State Department Selects Csomay for Prestigious English Language Specialist Project
The U.S. Department of State announced the selection of Department of Linguistics and Asian/Middle Eastern Languages Professor Eniko Csomay for a three-month English Language Specialist project focusing on peer mentoring skills and English Medium Instruction (EMI) teaching practice for university faculty in Taiwan at National Sun Yat-sen University. Prof. Csomay is part of a select group, as her project is one of approximately 240 that the English Language Specialist Program supports each year.
Csomay has extensive experience teaching in EMI contexts. First, she was a high school teacher of TEFL for a few years in a small town in Southwest Hungary. Then, she was invited to teach at the Center for English Teacher Training (CETT) at Eötvös University (Budapest, Hungary). At that time (early 1990s and after the Soviet occupation ended), CETT was the prime teacher training program for TEFL in Central Europe. The program was infamous for its state-of-the-art curriculum that heavily focused on mentoring both pre- and in-service teachers through a non-judgmental feedback framework, and also included training on classroom observation.
Csomay has been a faculty member at San Diego State University for two decades, where she teaches courses to pre-service teacher trainees as well as master’s students in the Applied Linguistics/TESOL specialization. She regularly teaches undergraduate as well as graduate courses related to the Theory and Practice of Teaching English as a Second/Foreign Language, Computer Assisted Language Learning and Teaching, Materials Development for the EFL/ESL language classroom, and Corpus Linguistics. At the onset of the SDSU-Georgia program, she was instrumental in mentoring Georgian faculty in their teaching practices.
Her involvement in this project will center around equipping local seed instructors with professional mentoring skills that help them observe peers’ EMI teaching practices and offer systematic and constructive feedback while providing more opportunities for faculty members to perform EMI teaching demonstration and gain constructive advice. She will also review and advise on the classroom observation form the university has developed for future use.
The English Language Specialist Program is the premier opportunity for leaders in the field of teaching English to speakers of other languages (TESOL) to enact meaningful and sustainable changes in the way that English is taught abroad. Through projects developed by U.S. Embassies in more than 80 countries, English Language Specialists work directly with local teacher trainers, educational leaders, and ministry of education officials to exchange knowledge, build capacity, and establish partnerships benefiting participants, institutions, and communities in the United States and overseas.

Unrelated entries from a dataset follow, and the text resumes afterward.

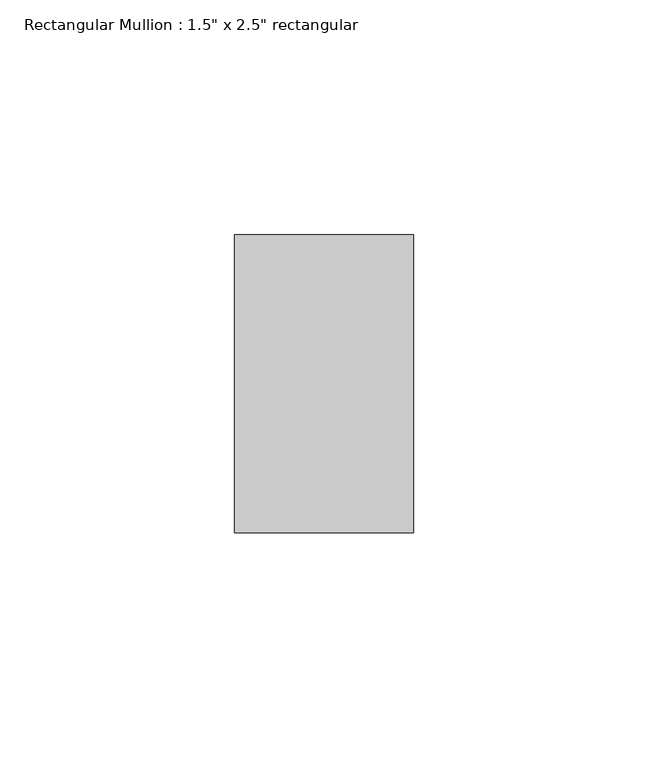
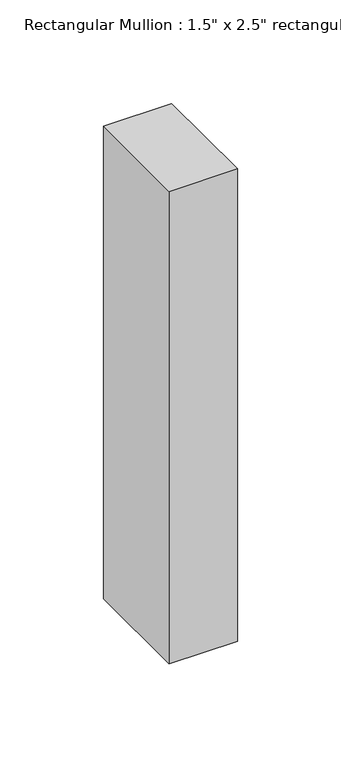
"""IFC4 building model written with IfcOpenShell, lengths in millimetres: member geometry."""

from ifc_helpers import new_model, si_unit, frame, origin, place, context, project, spatial, polyline, outline, extrude, source, transform, mapped, element, save


def member_5e1cd3ea(model_context):
    return source(origin(), model_context, "Body", "SweptSolid", [
        extrude(outline(polyline([(0.0, 31.75), (0.0, -31.75), (-38.1, -31.75), (-38.1, 31.75), (0.0, 31.75)])), frame((0.0, 0.0, -278.5951523), z_axis=(0.0, 0.0, 1.0), x_axis=(1.0, 0.0, 0.0)), (0.0, 0.0, 1.0), 278.5951523),
    ])


if __name__ == "__main__":
    model = new_model("IFC4")
    model_context = context("Model", 3, world=origin())
    ifc_project = project(units=[si_unit("LENGTHUNIT", "METRE", prefix="MILLI")], contexts=[model_context])
    site = spatial("IfcSite", under=ifc_project)
    building = spatial("IfcBuilding", under=site)
    placement = place(None, origin())
    member_shape = member_5e1cd3ea(model_context)
    element("IfcMember", 1, ObjectType="Rectangular Mullion : 1.5\" x 2.5\" rectangular", at=placement, inside=building, context=model_context, shape_type="MappedRepresentation", body=[
        mapped(member_shape, transform((0.0, 0.0, 0.0), x_axis=(1.0, 0.0, 0.0), y_axis=(0.0, 1.0, 0.0), z_axis=(0.0, 0.0, 1.0))),
    ])
    save(model, "model.ifc")

# Revit data of these elements
# Type "Rectangular Mullion : 1.5\" x 2.5\" rectangular"
#   built-in parameter 1007304 = 0.208333 (stored number, unit not read)
#   built-in parameter 1007301 = 0.0625 (stored number, unit not read)
#   built-in parameter 1007300 = 0.0625 (stored number, unit not read)
# Element 1 (IfcMember, "Rectangular Mullion : 1.5\" x 2.5\" rectangular")
#   Materials on its faces: "Leather - Black"
# Materials
#   "Leather - Black": class "Generic", colour RGB 40 40 40, transparency 0, Cost = 0

Since 1991, the English Language Specialist Program has supported in-country, virtual, and mixed projects in which hundreds of TESOL scholars and educators promote English language learning, enhance English teaching capacity, and foster mutual understanding between the U.S. and other countries through cultural exchange. During their projects, English Language Specialists may conduct intensive teacher training, advise ministries of education or participate in high-level educational consultations, and offer plenary presentations at regional, national or international
TESOL conferences. These projects are challenging and those selected represent the best of the U.S. TESOL community. In return, the program provides professional development opportunities to help participants experience different cultures and build skills that can greatly enhance their TESOL careers at home.
English Language Specialists are counted among the more than 50,000 individuals participating in U.S. Department of State exchange programs each year. The Specialist Program is administered by the Center for Intercultural Education and Development at Georgetown University.